# Und hier ist mein/unser Teich



## gartenwusel (22. Juli 2009)

Hallöchen zusammen,
hätten wir Euer Forum doch mal eher gefunden - viele Rätsel wären schneller gelöst gewesen. Seit gestern weiß ich, wie unser Fische heißen (klar: Klaus, Heinz, Berni, Käthe, usw., aber mit Nachnamen __ Goldorfe), warum der "Blubber an heißen Tagen hochkommt, dass die GH tatsächlich höher sein kann als die KH,...

Wir (mein Lebensgefährte Michael und ich) haben unseren Schwimmteich jetzt im dritten Jahr. Damals hat ihn ein Fachmann weitgehend nach unseren Wünschen angelegt. Die Schwimmzone ist 1,70 m an der tiefsten Stelle,  es gibt eine flache Relaxzone für uns, einen flachen "Seitenarm" für´s Getier, breite Stufen als Einstieg (man wird ja nicht jünger) und einen separaten Pflanzenklärbereich. Nur gegen die steilen Wänden konnte ich mich nicht durchsetzen. Ist zwar kein Problem beim Schwimmen, aber die Ufergestaltung macht uns noch Kopfzerbrechen Am Rand liegt in weiten Teilen die Folie nackt. Müssen wir dringend noch ändern, aber wie???

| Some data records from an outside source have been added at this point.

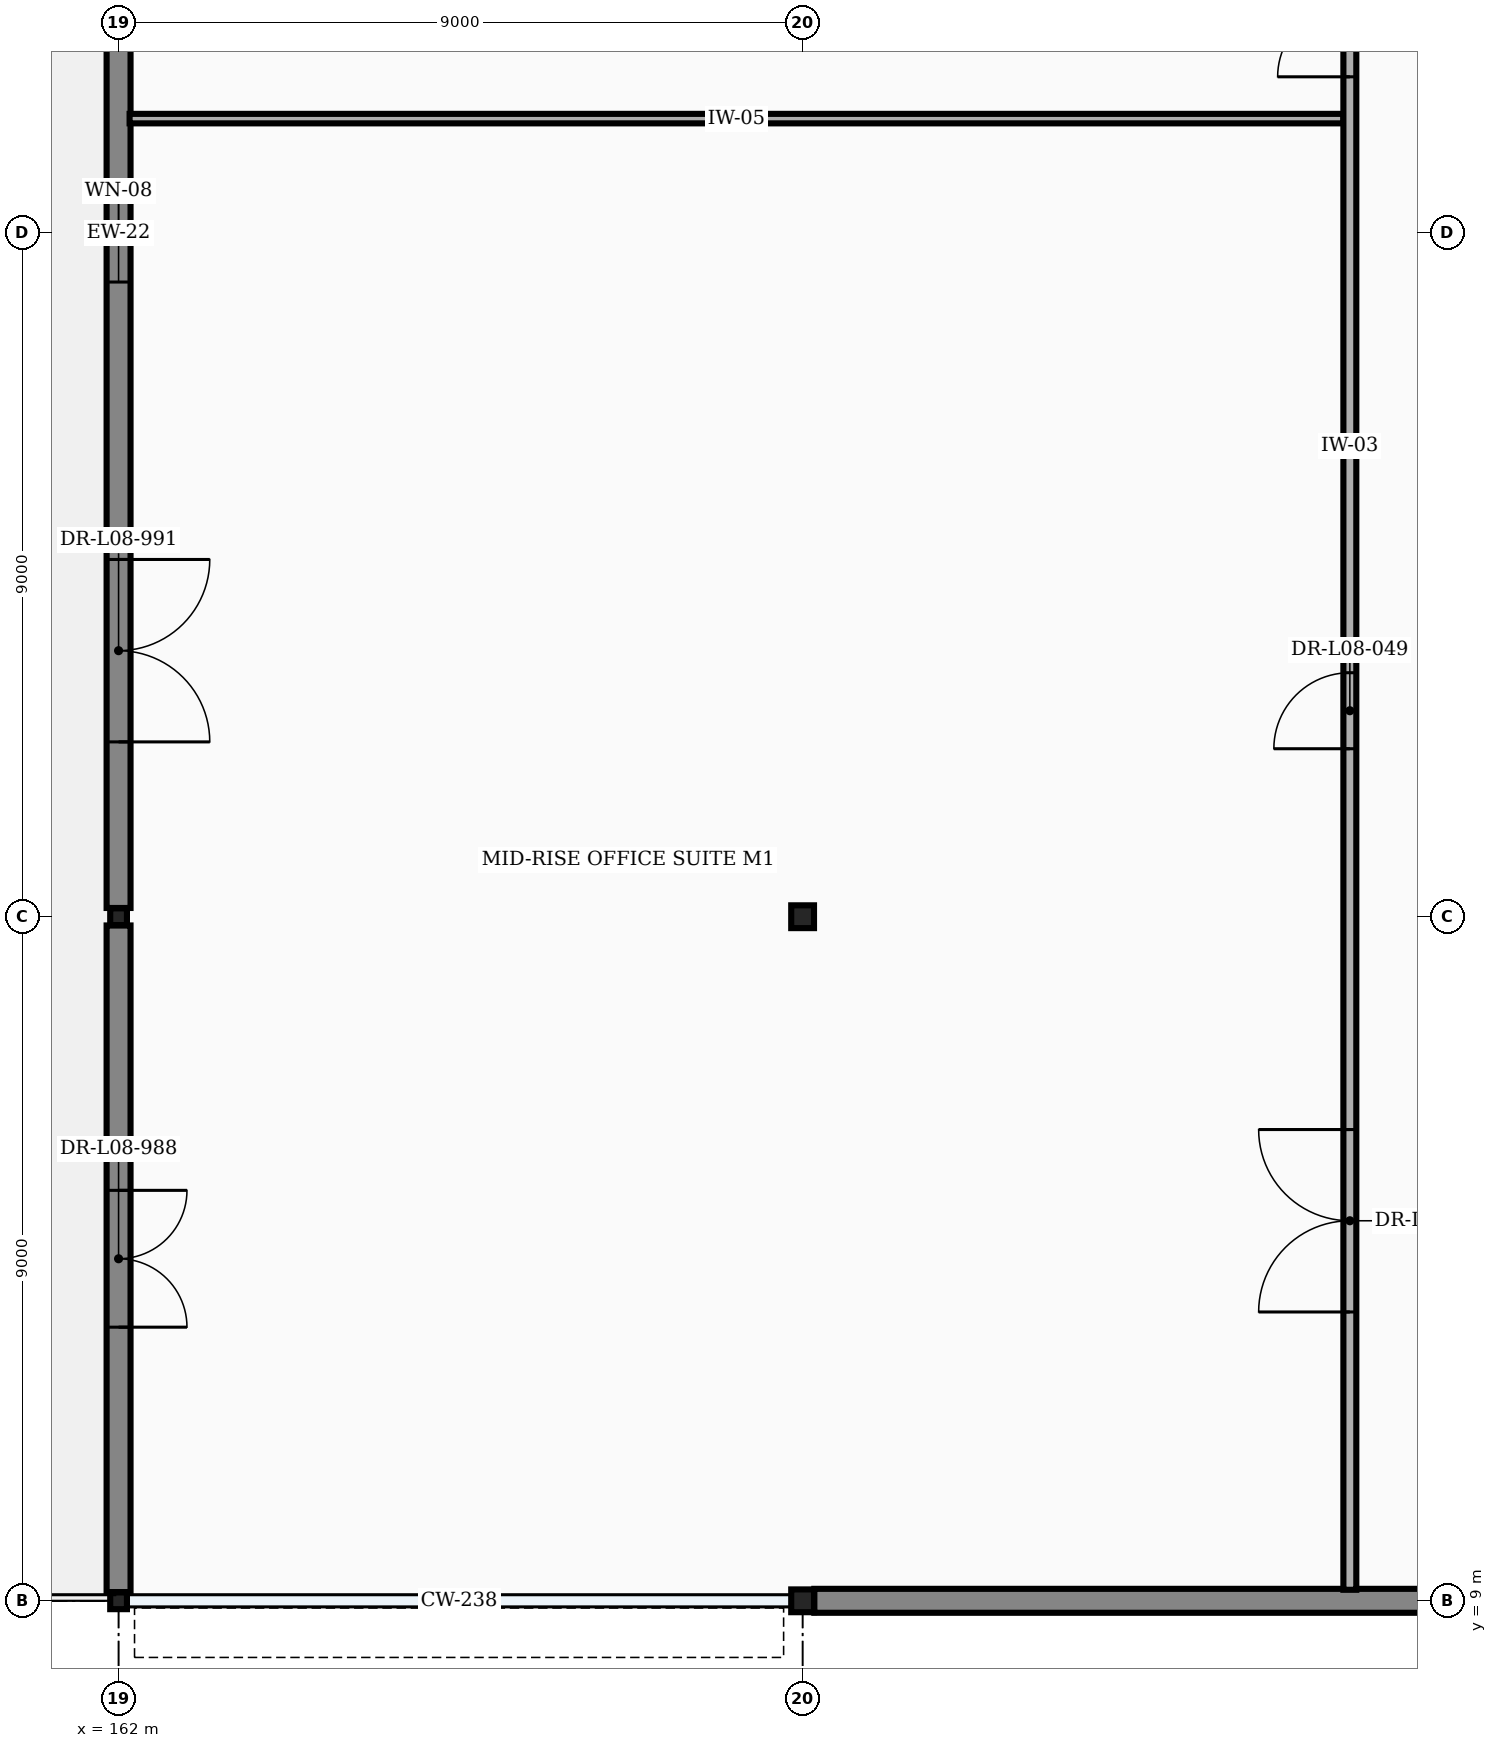
"""IFC4 building model, lengths in metres.
Left out: names, types, materials, properties, quantities, classifications, styles, units other than length and angle.
Written with IfcOpenShell. Run it as: python <this file> out.ifc"""

import sys

from ifc_helpers import new_model, si_unit, direction, frame, frame_2d, origin, origin_2d, place, context, subcontext, project, spatial, rectangle, hollow_rectangle, extrude, element, fill, save


model = new_model("IFC4")
c1 = context("Model", 3, precision=1e-05, world=origin(), true_north=direction((0.0, 1.0)))
c2 = subcontext(c1, "Body", "Model", "MODEL_VIEW")
j1 = project(units=[si_unit("LENGTHUNIT", "METRE"), si_unit("PLANEANGLEUNIT", "RADIAN")], contexts=[c1])
p1 = place(None, origin())
s1 = spatial("IfcSite", under=j1, at=p1, CompositionType="ELEMENT")
p2 = place(p1, origin())
s2 = spatial("IfcBuilding", under=s1, at=p2, CompositionType="ELEMENT")
p3 = place(p2, frame((0.0, 0.0, 37.8)))
s3 = spatial("IfcBuildingStorey", under=s2, at=p3, CompositionType="ELEMENT", Elevation=37.8)
for number, where, z_axis, x_axis in (
    (1, (162.0, 9.0, 0.0), (0.0, 0.0, 1.0), (1.0, 0.0, 0.0)),
    (2, (162.0, 18.0, 0.0), (0.0, 0.0, 1.0), (1.0, 0.0, 0.0)),
):
    element("IfcColumn", number, at=place(p3, frame(where, z_axis=z_axis, x_axis=x_axis)), inside=s3, PredefinedType="COLUMN", context=c2, shape_type="SweptSolid", body=[
        extrude(hollow_rectangle(XDim=0.22, YDim=0.22, WallThickness=0.01, at=origin_2d()), origin(), (0.0, 0.0, 1.0), 3.9),
    ])
for number, where, z_axis, x_axis in (
    (3, (171.0, 9.0, 0.0), (0.0, 0.0, 1.0), (1.0, 0.0, 0.0)),
    (4, (171.0, 18.0, 0.0), (0.0, 0.0, 1.0), (1.0, 0.0, 0.0)),
):
    element("IfcColumn", number, at=place(p3, frame(where, z_axis=z_axis, x_axis=x_axis)), inside=s3, PredefinedType="COLUMN", context=c2, shape_type="SweptSolid", body=[
        extrude(hollow_rectangle(XDim=0.3, YDim=0.3, WallThickness=0.012, at=origin_2d()), origin(), (0.0, 0.0, 1.0), 3.9),
    ])
p4 = place(p3, frame((171.154, 9.0, 0.0), z_axis=(0.0, 0.0, 1.0), x_axis=(1.0, 0.0, 0.0)))
e5 = element("IfcWall", 5, at=p4, inside=s3, PredefinedType="STANDARD", context=c2, shape_type="SweptSolid", body=[
    extrude(rectangle(XDim=17.692, YDim=0.315, at=frame_2d((8.846, 0.0))), origin(), (0.0, 0.0, 1.0), 2.803),
])
p5 = place(p4, frame((8.196, 0.0, 0.7)))
e6 = element("IfcOpeningElement", 6, at=p5, cuts=e5, PredefinedType="OPENING", context=c2, shape_type="SweptSolid", body=[
    extrude(rectangle(XDim=1.3, YDim=1.9, at=frame_2d((0.65, 0.95))), frame((0.0, 0.169, 0.0), z_axis=(0.0, -1.0, 0.0), x_axis=(1.0, 0.0, 0.0)), (0.0, 0.0, 1.0), 0.339),
])
p6 = place(p3, frame((162.0, 9.115, 0.0), z_axis=(0.0, 0.0, 1.0), x_axis=(0.0, 1.0, 0.0)))
e7 = element("IfcWall", 7, at=p6, inside=s3, PredefinedType="STANDARD", context=c2, shape_type="SweptSolid", body=[
    extrude(rectangle(XDim=8.77, YDim=0.315, at=frame_2d((4.385, 0.0))), origin(), (0.0, 0.0, 1.0), 3.565),
])
p7 = place(p6, frame((3.485, 0.0, 0.0)))
e8 = element("IfcOpeningElement", 8, at=p7, cuts=e7, PredefinedType="OPENING", context=c2, shape_type="SweptSolid", body=[
    extrude(rectangle(XDim=1.8, YDim=2.3, at=frame_2d((0.9, 1.15))), frame((0.0, 0.169, 0.0), z_axis=(0.0, -1.0, 0.0), x_axis=(1.0, 0.0, 0.0)), (0.0, 0.0, 1.0), 0.339),
])
p8 = place(p3, frame((162.0, 18.115, 0.0), z_axis=(0.0, 0.0, 1.0), x_axis=(0.0, 1.0, 0.0)))
e9 = element("IfcWall", 9, at=p8, inside=s3, PredefinedType="STANDARD", context=c2, shape_type="SweptSolid", body=[
    extrude(rectangle(XDim=17.77, YDim=0.315, at=frame_2d((8.885, 0.0))), origin(), (0.0, 0.0, 1.0), 2.953),
])
p9 = place(p8, frame((8.235, 0.0, 0.7)))
e10 = element("IfcOpeningElement", 10, at=p9, cuts=e9, PredefinedType="OPENING", context=c2, shape_type="SweptSolid", body=[
    extrude(rectangle(XDim=1.3, YDim=1.9, at=frame_2d((0.65, 0.95))), frame((0.0, 0.169, 0.0), z_axis=(0.0, -1.0, 0.0), x_axis=(1.0, 0.0, 0.0)), (0.0, 0.0, 1.0), 0.339),
])
p10 = place(p8, frame((2.185, 0.0, 0.0)))
e11 = element("IfcOpeningElement", 11, at=p10, cuts=e9, PredefinedType="OPENING", context=c2, shape_type="SweptSolid", body=[
    extrude(rectangle(XDim=2.4, YDim=2.35, at=frame_2d((1.2, 1.175))), frame((0.0, 0.169, 0.0), z_axis=(0.0, -1.0, 0.0), x_axis=(1.0, 0.0, 0.0)), (0.0, 0.0, 1.0), 0.339),
])
p11 = place(p3, frame((162.145, 28.5, 0.0), z_axis=(0.0, 0.0, 1.0), x_axis=(1.0, 0.0, 0.0)))
e12 = element("IfcWall", 12, at=p11, inside=s3, PredefinedType="PARTITIONING", context=c2, shape_type="SweptSolid", body=[
    extrude(rectangle(XDim=15.97, YDim=0.125, at=frame_2d((7.985, 0.0))), origin(), (0.0, 0.0, 1.0), 3.565),
])
p12 = place(p3, frame((178.2, 9.145, 0.0), z_axis=(0.0, 0.0, 1.0), x_axis=(0.0, 1.0, 0.0)))
e13 = element("IfcWall", 13, at=p12, inside=s3, PredefinedType="PARTITIONING", context=c2, shape_type="SweptSolid", body=[
    extrude(rectangle(XDim=30.095, YDim=0.17, at=frame_2d((15.047, 0.0))), origin(), (0.0, 0.0, 1.0), 3.565),
])
p13 = place(p12, frame((11.065, 0.0, 0.0)))
e14 = element("IfcOpeningElement", 14, at=p13, cuts=e13, PredefinedType="OPENING", context=c2, shape_type="SweptSolid", body=[
    extrude(rectangle(XDim=1.0, YDim=2.15, at=frame_2d((0.5, 1.075))), frame((0.0, 0.097, 0.0), z_axis=(0.0, -1.0, 0.0), x_axis=(1.0, 0.0, 0.0)), (0.0, 0.0, 1.0), 0.194),
])
p14 = place(p12, frame((3.655, 0.0, 0.0)))
e15 = element("IfcOpeningElement", 15, at=p14, cuts=e13, PredefinedType="OPENING", context=c2, shape_type="SweptSolid", body=[
    extrude(rectangle(XDim=2.4, YDim=2.35, at=frame_2d((1.2, 1.175))), frame((0.0, 0.097, 0.0), z_axis=(0.0, -1.0, 0.0), x_axis=(1.0, 0.0, 0.0)), (0.0, 0.0, 1.0), 0.194),
])
p15 = place(p12, frame((28.465, 0.0, 0.0)))
e16 = element("IfcOpeningElement", 16, at=p15, cuts=e13, PredefinedType="OPENING", context=c2, shape_type="SweptSolid", body=[
    extrude(rectangle(XDim=1.15, YDim=2.15, at=frame_2d((0.575, 1.075))), frame((0.0, 0.097, 0.0), z_axis=(0.0, -1.0, 0.0), x_axis=(1.0, 0.0, 0.0)), (0.0, 0.0, 1.0), 0.194),
])
p16 = place(p12, frame((19.905, 0.0, 0.0)))
e17 = element("IfcOpeningElement", 17, at=p16, cuts=e13, PredefinedType="OPENING", context=c2, shape_type="SweptSolid", body=[
    extrude(rectangle(XDim=1.9, YDim=2.35, at=frame_2d((0.95, 1.175))), frame((0.0, 0.097, 0.0), z_axis=(0.0, -1.0, 0.0), x_axis=(1.0, 0.0, 0.0)), (0.0, 0.0, 1.0), 0.194),
])
p17 = place(p7, frame((1.8, 0.0, 0.0), z_axis=(0.0, 0.0, 1.0), x_axis=(-1.0, 0.0, 0.0)))
e18 = element("IfcDoor", 18, at=p17, inside=s3, OperationType="DOUBLE_DOOR_SINGLE_SWING", PredefinedType="DOOR", context=c2, shape_type="SweptSolid", body=[
    extrude(rectangle(XDim=1.8, YDim=2.3, at=frame_2d((0.9, 1.15))), frame((0.0, 0.025, 0.0), z_axis=(0.0, -1.0, 0.0), x_axis=(1.0, 0.0, 0.0)), (0.0, 0.0, 1.0), 0.05),
])
fill(e8, e18)
p18 = place(p9, origin())
e19 = element("IfcWindow", 19, at=p18, inside=s3, PartitioningType="SINGLE_PANEL", PredefinedType="WINDOW", context=c2, shape_type="SweptSolid", body=[
    extrude(rectangle(XDim=1.3, YDim=1.9, at=frame_2d((0.65, 0.95))), frame((0.0, 0.03, 0.0), z_axis=(0.0, -1.0, 0.0), x_axis=(1.0, 0.0, 0.0)), (0.0, 0.0, 1.0), 0.06),
])
fill(e10, e19)
p19 = place(p10, frame((2.4, 0.0, 0.0), z_axis=(0.0, 0.0, 1.0), x_axis=(-1.0, 0.0, 0.0)))
e20 = element("IfcDoor", 20, at=p19, inside=s3, OperationType="DOUBLE_DOOR_SINGLE_SWING", PredefinedType="DOOR", context=c2, shape_type="SweptSolid", body=[
    extrude(rectangle(XDim=2.4, YDim=2.35, at=frame_2d((1.2, 1.175))), frame((0.0, 0.025, 0.0), z_axis=(0.0, -1.0, 0.0), x_axis=(1.0, 0.0, 0.0)), (0.0, 0.0, 1.0), 0.05),
])
fill(e11, e20)
p20 = place(p13, origin())
e21 = element("IfcDoor", 21, at=p20, inside=s3, OperationType="SINGLE_SWING_LEFT", PredefinedType="DOOR", context=c2, shape_type="SweptSolid", body=[
    extrude(rectangle(XDim=1.0, YDim=2.15, at=frame_2d((0.5, 1.075))), frame((0.0, 0.025, 0.0), z_axis=(0.0, -1.0, 0.0), x_axis=(1.0, 0.0, 0.0)), (0.0, 0.0, 1.0), 0.05),
])
fill(e14, e21)
p21 = place(p14, origin())
e22 = element("IfcDoor", 22, at=p21, inside=s3, OperationType="DOUBLE_DOOR_SINGLE_SWING", PredefinedType="DOOR", context=c2, shape_type="SweptSolid", body=[
    extrude(rectangle(XDim=2.4, YDim=2.35, at=frame_2d((1.2, 1.175))), frame((0.0, 0.025, 0.0), z_axis=(0.0, -1.0, 0.0), x_axis=(1.0, 0.0, 0.0)), (0.0, 0.0, 1.0), 0.05),
])
fill(e15, e22)
p22 = place(p16, origin())
e23 = element("IfcDoor", 23, at=p22, inside=s3, OperationType="DOUBLE_DOOR_SINGLE_SWING", PredefinedType="DOOR", context=c2, shape_type="SweptSolid", body=[
    extrude(rectangle(XDim=1.9, YDim=2.35, at=frame_2d((0.95, 1.175))), frame((0.0, 0.025, 0.0), z_axis=(0.0, -1.0, 0.0), x_axis=(1.0, 0.0, 0.0)), (0.0, 0.0, 1.0), 0.05),
])
fill(e17, e23)
save(model, sys.argv[1])

Zwei, drei Sachen würden wir heute anders machen, aber unser Teich ist für uns wie Urlaub. Insbesondere jetzt, wenn wir abends von der Arbeit kommen!

Und jede Menge Viehzeug gibt´s: __ Frösche, __ Molche, verschiedene __ Libellen, __ Egel (bäh), __ Rückenschwimmer,__ Gelbrandkäfer,... sogar ein Eisvogel kommt und frißt unsere Fischchen. Es sei ihm gegönnt, sind genug da!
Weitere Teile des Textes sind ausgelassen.